"Die überwiegende Zahl der bisher interviewten Personen war selbst kein Opfer eines strafrechtlich relevanten Missbrauchs", heißt es in dem am Mittwoch in Trier vorgestellten Bericht der früheren Staatsanwälte Jürgen Brauer und Ingo Hromada. Drei Befragte hätten persönlich unangemessene Verhaltensweisen erlebt, andere Zeitzeugen hätten sexuell motivierte Übergriffe auf andere beobachtet oder von diesen erfahren.
Neffe fand Bilder und Videos
Der Priester aus dem Bistum Trier soll über Jahrzehnte hinweg Missbrauchstaten und sexuelle Übergriffe dokumentiert haben.
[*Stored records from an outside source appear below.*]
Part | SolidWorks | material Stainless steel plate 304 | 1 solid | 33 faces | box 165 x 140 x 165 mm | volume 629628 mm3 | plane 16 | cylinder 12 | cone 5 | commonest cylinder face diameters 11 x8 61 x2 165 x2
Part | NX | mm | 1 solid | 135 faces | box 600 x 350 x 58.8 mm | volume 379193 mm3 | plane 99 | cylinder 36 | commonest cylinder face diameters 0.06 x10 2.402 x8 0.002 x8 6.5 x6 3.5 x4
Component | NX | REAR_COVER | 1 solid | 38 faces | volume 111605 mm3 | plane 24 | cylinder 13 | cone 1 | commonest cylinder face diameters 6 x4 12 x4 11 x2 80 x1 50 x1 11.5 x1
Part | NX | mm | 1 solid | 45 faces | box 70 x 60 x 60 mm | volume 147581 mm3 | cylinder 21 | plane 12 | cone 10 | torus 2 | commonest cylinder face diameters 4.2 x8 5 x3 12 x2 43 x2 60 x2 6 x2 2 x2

Nach dessen Tod hatte sein Neffe Fotos und Filme gefunden und sich an den Trierer Bischof Stephan Ackermann und die Unabhängige Kommission zur Aufarbeitung sexuellen Missbrauchs im Verantwortungsbereich des Bistums gewandt. Dabei hatte es zunächst Uneinigkeit über den korrekten Umgang mit dem Material und der Zuständigkeit gegeben. Auch die Staatsanwaltschaften Saarbrücken und Mainz hatten sich mit dem Fall beschäftigt. Im Saarland hatten Polizeibeamte sichergestellte Dokumente nach Abschluss der Ermittlungen vernichtet.
Weitere Interviews
Die Aufarbeitungskommission hatte eine wissenschaftliche Studie zu Dillinger in Auftrag gegeben. Um diese kümmern sich der frühere Koblenzer Generalstaatsanwalt Brauer und der frühere, stellvertretende Leiter der Staatsanwaltschaft Trier, Hromada. In den kommenden Wochen und Monaten wollen sie weitere Interviews führen, staatsanwaltschaftliche Akten auswerten sowie sich mit den Schriften des Theologen auseinandersetzen. Die Erlebnisse und Beobachtungen reichen laut Zwischenbericht von Beginn des priesterlichen Dienstes im Jahr 1961 bis zu einem Vorfall von 2018 in Fulda. Er war unter anderem auch in Erzbistum Köln, für einen selbst gegründeten Afrikahilfeverein und an einer Schule in Saarlouis tätig.
Bistum in der Kritik
Kritisch äußerten sich die beiden Ermittler zum Umgang des Bistums Trier mit der Vergabe des Bundesverdienstkreuzes am Bande an Dillinger im Jahr 1977. Die saarländische Staatskanzlei hatte damals um Stellungnahme gebeten und keine Einwände aus dem Bistum erhalten. "Tatsächlich sind in den Akten des Bistums massive sexuelle Übergriffe des Verstorbenen zum Nachteil von jugendlichen Opfern aus dem Jahr 1970 vermerkt", heißt es im Bericht. Zeitgleiche Anregungen zur Verleihung kirchlicher Ehrentitel hätten hingegen keine Zustimmung im Bistum gefunden.